TEIKAジャーナル

第39回「学習された無力感」 (2011.7)

2011/07/12

 学校現場にいらっしゃる先生方の多くは、受け持たれている児童生徒に、やる気を出して欲しいと願っていることでしょう。学習のつまずきも、「やる気」さえあれば、乗り越えられるとお考えであると思います。

 やる気と関係する言葉に、自己効力感(self-efficacy)があります。自己効力感とは、カナダ人心理学者アルバート・バンデューラが提唱したもので、自己効力と言われることもあります。類似する言葉に自尊心(self-esteem)という言葉もありますが、自尊心は本人自身の価値に関する感覚であるのに対して、自己効力感は自分の目標に対する能力があるかどうかという感覚で、少し異なります。私の研究は、児童生徒の持つ感性的な理解を概念的な理解に変容させるために(つまり、子どもたちがより深く理解するために)、教材の開発や指導法を改善すること。そして、その教育効果を検証することにあります。しかし、どのようなアプローチをしても、不思議と最後には自己効力感を高めることの重要性に行き着いてしまいます。

 ある時、仲間の先生と、「やる気を高める指導法の研究はあるけど、やる気を失わせるような研究はないよね。」という話をしました。確かに、教育実践学の研究としては見当たりません。しかし、心理学を少しかじられたことのある方はご存じの通り、やる気を失わせる研究は「学習性無力感(learned helplessness)」という言葉で知られています。今から40年ほど前、心理学者マーティン・セリグマン(Martin Seligman)が、学生時代に思いついたことを10年かけて実証したことで知られています。それは、2匹の犬に電気ショックを与え、1頭の犬はボタンを押すと電気ショックから逃れられるスイッチを用意し、もう1頭の犬には押しても効果のないダミーのスイッチを用意するという実験です。しばらくすると、ダミーのスイッチを与えられた犬は、電気ショックを加えても何も反応しなくなります。長期間、抵抗や回避困難なストレスと抑圧の下に置かれると、「何をしても意味がない」ことを学習し、逃れようとする努力すらしなくなるのです。

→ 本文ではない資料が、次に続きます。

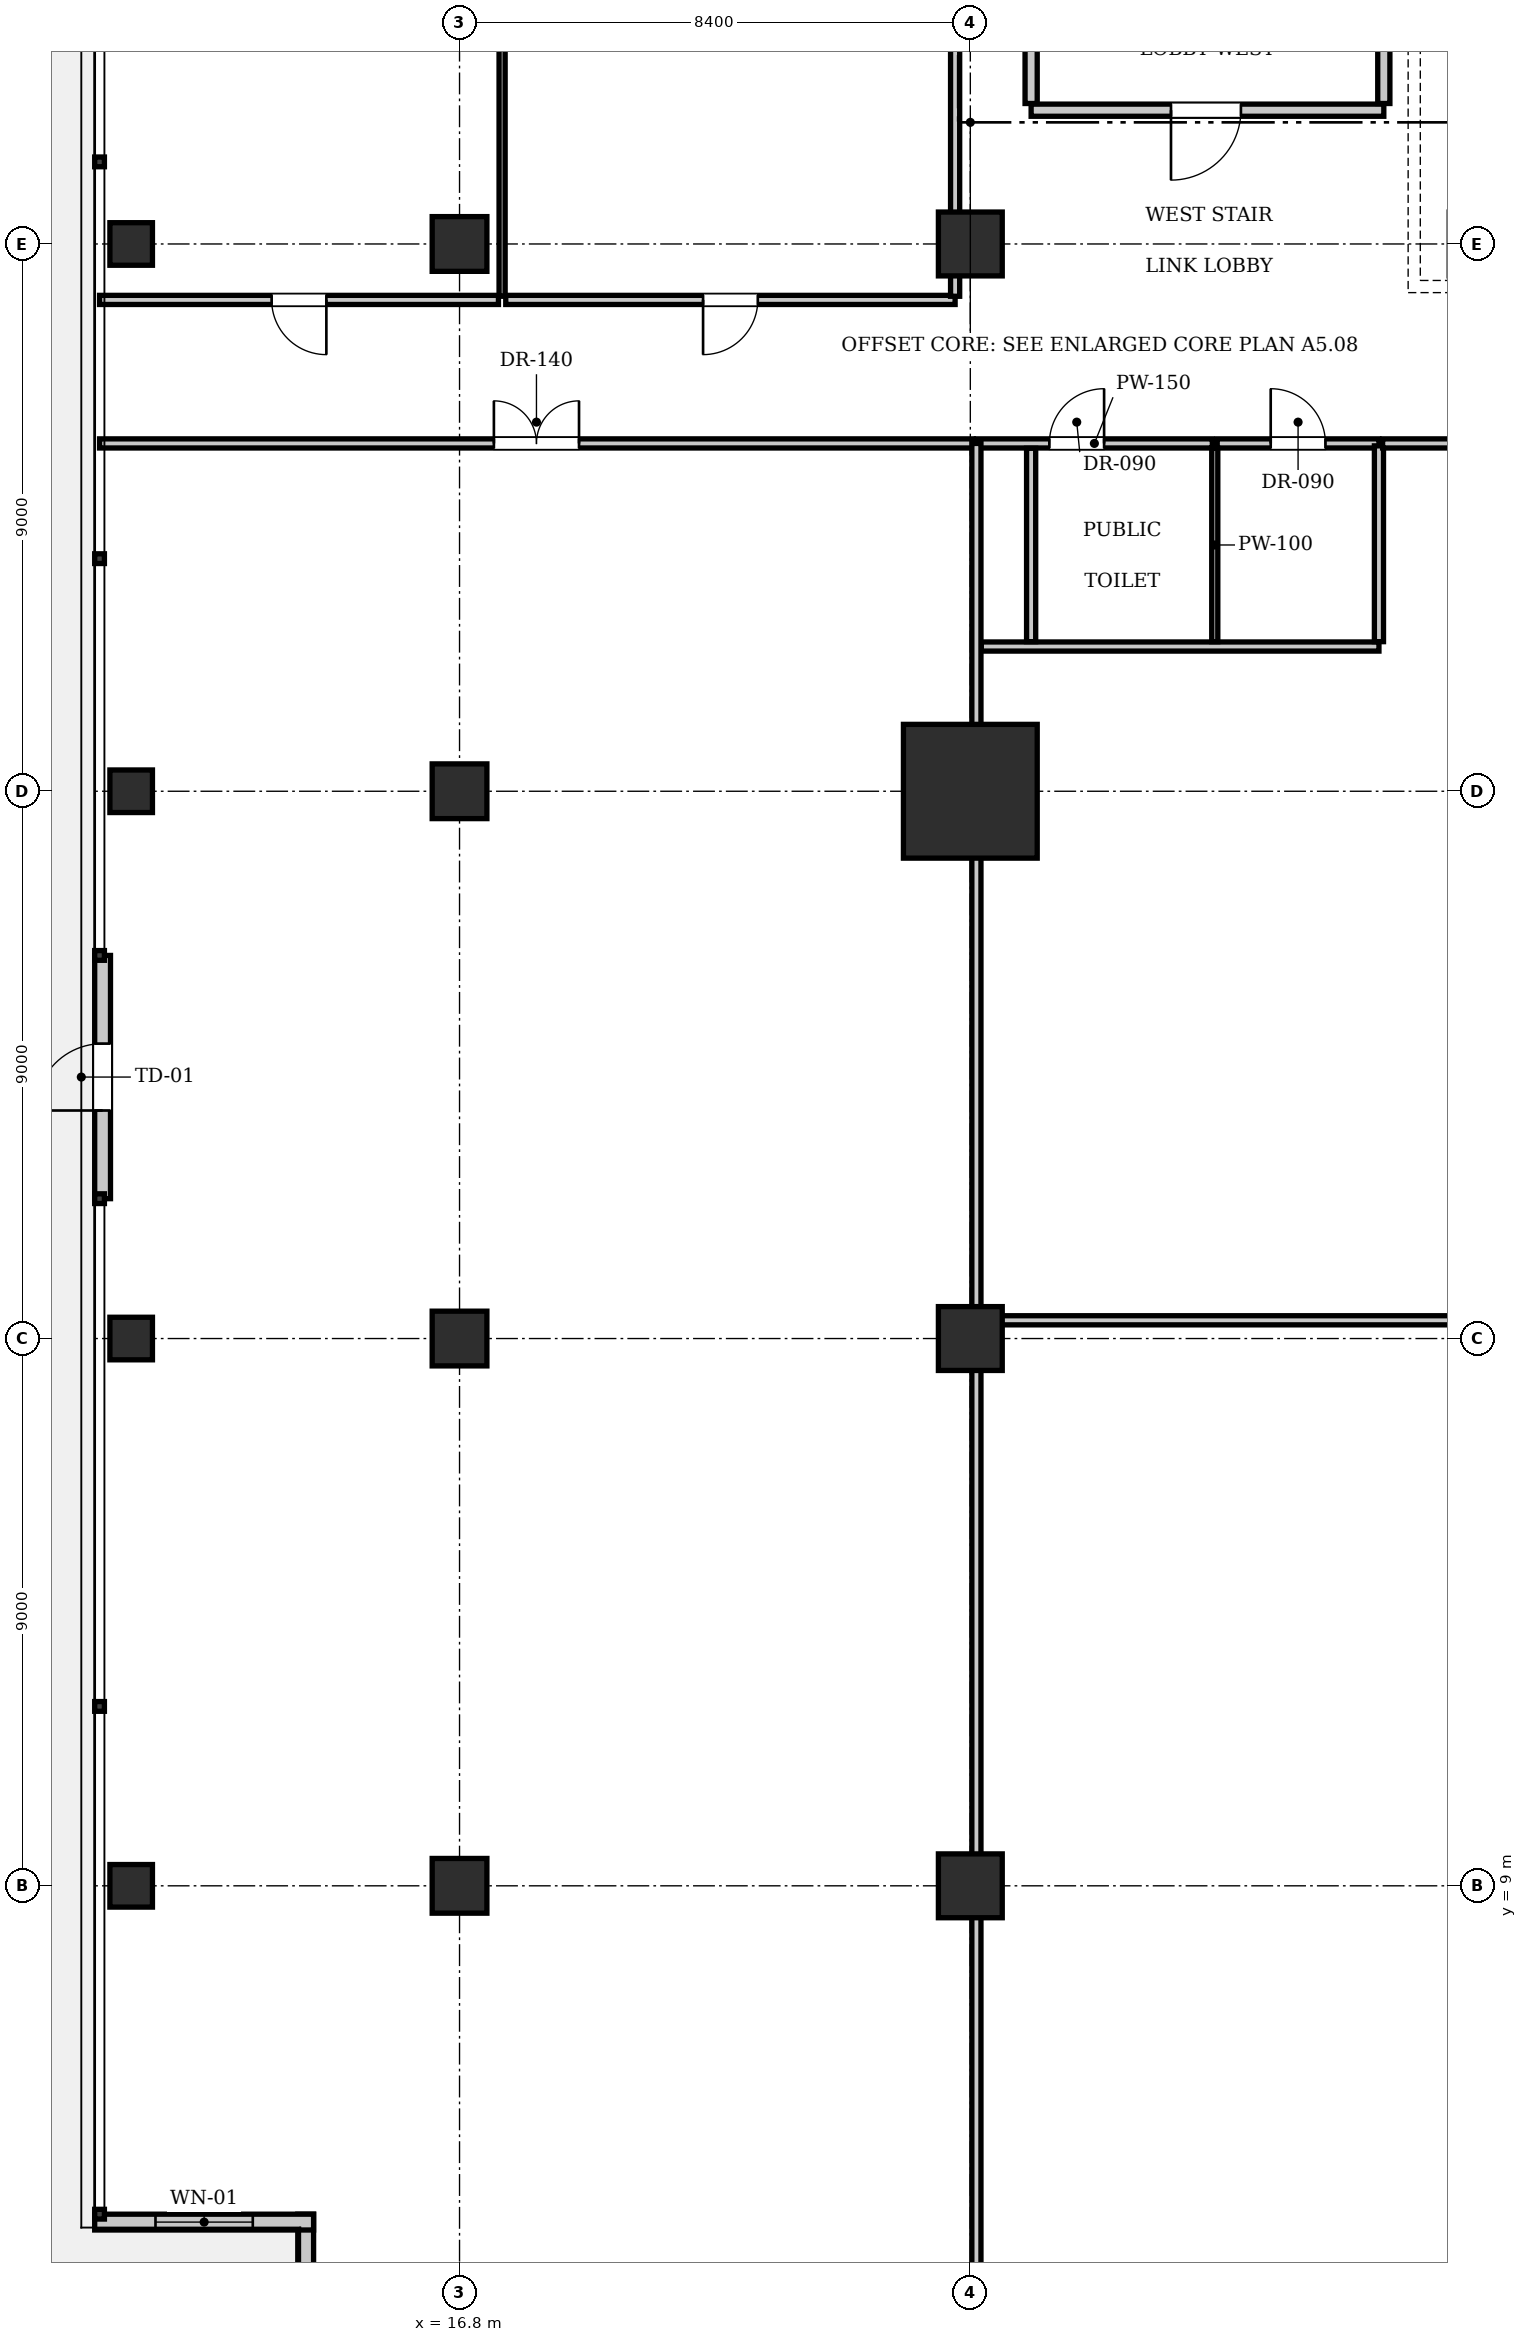
"""IFC4 building model, lengths in metres.
Left out: names, types, materials, properties, quantities, classifications, styles, units other than length and angle.
Written with IfcOpenShell. Run it as: python <this file> out.ifc"""

import sys

from ifc_helpers import new_model, si_unit, direction, frame, frame_2d, origin, origin_2d, place, context, subcontext, project, spatial, rectangle, i_section, extrude, element, fill, save


model = new_model("IFC4")
c1 = context("Model", 3, precision=1e-05, world=origin(), true_north=direction((0.0, 1.0)))
c2 = subcontext(c1, "Body", "Model", "MODEL_VIEW")
j1 = project(units=[si_unit("LENGTHUNIT", "METRE"), si_unit("PLANEANGLEUNIT", "RADIAN")], contexts=[c1])
p1 = place(None, origin())
s1 = spatial("IfcSite", under=j1, at=p1, CompositionType="ELEMENT")
p2 = place(p1, origin())
s2 = spatial("IfcBuilding", under=s1, at=p2, CompositionType="ELEMENT")
p3 = place(p2, frame((0.0, 0.0, 26.95)))
s3 = spatial("IfcBuildingStorey", under=s2, at=p3, CompositionType="ELEMENT", Elevation=26.95)
p4 = place(p3, frame((25.2, 27.0, 0.0), z_axis=(0.0, 0.0, 1.0), x_axis=(1.0, 0.0, 0.0)))
e1 = element("IfcColumn", 1, at=p4, inside=s3, PredefinedType="COLUMN", context=c2, shape_type="SweptSolid", body=[
    extrude(rectangle(XDim=2.2, YDim=2.2, at=origin_2d()), origin(), (0.0, 0.0, 1.0), 3.85),
])
for number, where, z_axis, x_axis in (
    (2, (25.2, 36.0, 0.0), (0.0, 0.0, 1.0), (1.0, 0.0, 0.0)),
    (3, (25.2, 18.0, 0.0), (0.0, 0.0, 1.0), (1.0, 0.0, 0.0)),
    (4, (25.2, 9.0, 0.0), (0.0, 0.0, 1.0), (1.0, 0.0, 0.0)),
):
    element("IfcColumn", number, at=place(p3, frame(where, z_axis=z_axis, x_axis=x_axis)), inside=s3, PredefinedType="COLUMN", context=c2, shape_type="SweptSolid", body=[
        extrude(rectangle(XDim=1.05, YDim=1.05, at=origin_2d()), origin(), (0.0, 0.0, 1.0), 3.85),
    ])
for number, where, z_axis, x_axis in (
    (5, (16.8, 9.0, 0.0), (0.0, 0.0, 1.0), (1.0, 0.0, 0.0)),
    (6, (16.8, 18.0, 0.0), (0.0, 0.0, 1.0), (1.0, 0.0, 0.0)),
    (7, (16.8, 27.0, 0.0), (0.0, 0.0, 1.0), (1.0, 0.0, 0.0)),
    (8, (16.8, 36.0, 0.0), (0.0, 0.0, 1.0), (1.0, 0.0, 0.0)),
):
    element("IfcColumn", number, at=place(p3, frame(where, z_axis=z_axis, x_axis=x_axis)), inside=s3, PredefinedType="COLUMN", context=c2, shape_type="SweptSolid", body=[
        extrude(rectangle(XDim=0.9, YDim=0.9, at=origin_2d()), origin(), (0.0, 0.0, 1.0), 3.85),
    ])
for number, where, z_axis, x_axis in (
    (9, (11.4, 9.0, -0.24), (0.0, 0.0, 1.0), (1.0, 0.0, 0.0)),
    (10, (11.4, 18.0, -0.24), (0.0, 0.0, 1.0), (1.0, 0.0, 0.0)),
    (11, (11.4, 27.0, -0.24), (0.0, 0.0, 1.0), (1.0, 0.0, 0.0)),
    (12, (11.4, 36.0, -0.24), (0.0, 0.0, 1.0), (1.0, 0.0, 0.0)),
):
    element("IfcColumn", number, at=place(p3, frame(where, z_axis=z_axis, x_axis=x_axis)), inside=s3, PredefinedType="COLUMN", context=c2, shape_type="SweptSolid", body=[
        extrude(i_section(OverallWidth=0.7, OverallDepth=0.7, WebThickness=0.028, FlangeThickness=0.044, at=origin_2d()), origin(), (0.0, 0.0, 1.0), 4.09),
    ])
p5 = place(p3, frame((14.27, 0.0, 0.0), z_axis=(0.0, 0.0, 1.0), x_axis=(0.0, 1.0, 0.0)))
e13 = element("IfcWall", 13, at=p5, inside=s3, PredefinedType="SOLIDWALL", context=c2, shape_type="SweptSolid", body=[
    extrude(rectangle(XDim=3.6, YDim=0.26, at=frame_2d((1.8, 0.0))), origin(), (0.0, 0.0, 1.0), 3.61),
])
p6 = place(p3, frame((14.4, 3.47, 0.0), z_axis=(0.0, 0.0, 1.0), x_axis=(-1.0, 0.0, 0.0)))
e14 = element("IfcWall", 14, at=p6, inside=s3, PredefinedType="SOLIDWALL", context=c2, shape_type="SweptSolid", body=[
    extrude(rectangle(XDim=3.6, YDim=0.26, at=frame_2d((1.8, 0.0))), origin(), (0.0, 0.0, 1.0), 3.61),
])
p7 = place(p6, frame((1.0, 0.0, 0.9)))
e15 = element("IfcOpeningElement", 15, at=p7, cuts=e14, PredefinedType="OPENING", context=c2, shape_type="SweptSolid", body=[
    extrude(rectangle(XDim=1.6, YDim=2.1, at=frame_2d((0.8, 1.05))), frame((0.0, 0.14, 0.0), z_axis=(0.0, -1.0, 0.0), x_axis=(1.0, 0.0, 0.0)), (0.0, 0.0, 1.0), 0.28),
])
p8 = place(p3, frame((10.93, 20.3, 0.0), z_axis=(0.0, 0.0, 1.0), x_axis=(0.0, 1.0, 0.0)))
e16 = element("IfcWall", 16, at=p8, inside=s3, PredefinedType="SOLIDWALL", context=c2, shape_type="SweptSolid", body=[
    extrude(rectangle(XDim=4.0, YDim=0.26, at=frame_2d((2.0, 0.0))), origin(), (0.0, 0.0, 1.0), 3.61),
])
p9 = place(p8, frame((1.45, 0.0, 0.0)))
e17 = element("IfcOpeningElement", 17, at=p9, cuts=e16, PredefinedType="OPENING", context=c2, shape_type="SweptSolid", body=[
    extrude(rectangle(XDim=1.1, YDim=2.2, at=frame_2d((0.55, 1.1))), frame((0.0, 0.14, 0.0), z_axis=(0.0, -1.0, 0.0), x_axis=(1.0, 0.0, 0.0)), (0.0, 0.0, 1.0), 0.28),
])
p10 = place(p3, frame((26.2, 38.2, 0.0), z_axis=(0.0, 0.0, 1.0), x_axis=(1.0, 0.0, 0.0)))
e18 = element("IfcWall", 18, at=p10, inside=s3, PredefinedType="PARTITIONING", context=c2, shape_type="SweptSolid", body=[
    extrude(rectangle(XDim=5.8, YDim=0.2, at=frame_2d((2.9, 0.0))), origin(), (0.0, 0.0, 1.0), 3.61),
])
p11 = place(p10, frame((2.3, 0.0, 0.0)))
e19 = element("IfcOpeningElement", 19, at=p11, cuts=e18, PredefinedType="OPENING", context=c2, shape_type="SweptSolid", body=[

 私たちの周りに、こうした無力感を与える刺激は存在しないのでしょうか。先日、ある幼稚園を訪問した折、園長先生から、「あの子は、数字に色を塗るといった数遊びになると、いつでも『俺やらない』といって逃げていってしまうんです。」という話をお聞きしました。聞くところによると、他の子より、ゆっくりしているため、教室に一人残ってやることが多かったようです。その結果として、「僕は、何をしても(みんなと同じに)できない。」という感覚(無力感)だけが残ってしまったのかもしれません。私が中学校の教師をしていた頃、数学の授業になると腹痛を訴えて保健室に行く生徒が居ました。話を聞くと、授業の最後に行う計算ドリルが嫌で仕方がないとのことです。その時彼が口にした言葉は、「俺、頭悪いから。」でした。

 私たちが、良かれと思ってしていることが、全く逆に作用することがあります。その子にとって本当に良いことは何か、そう考えると教育とは改めて実に深い研究分野であると思います。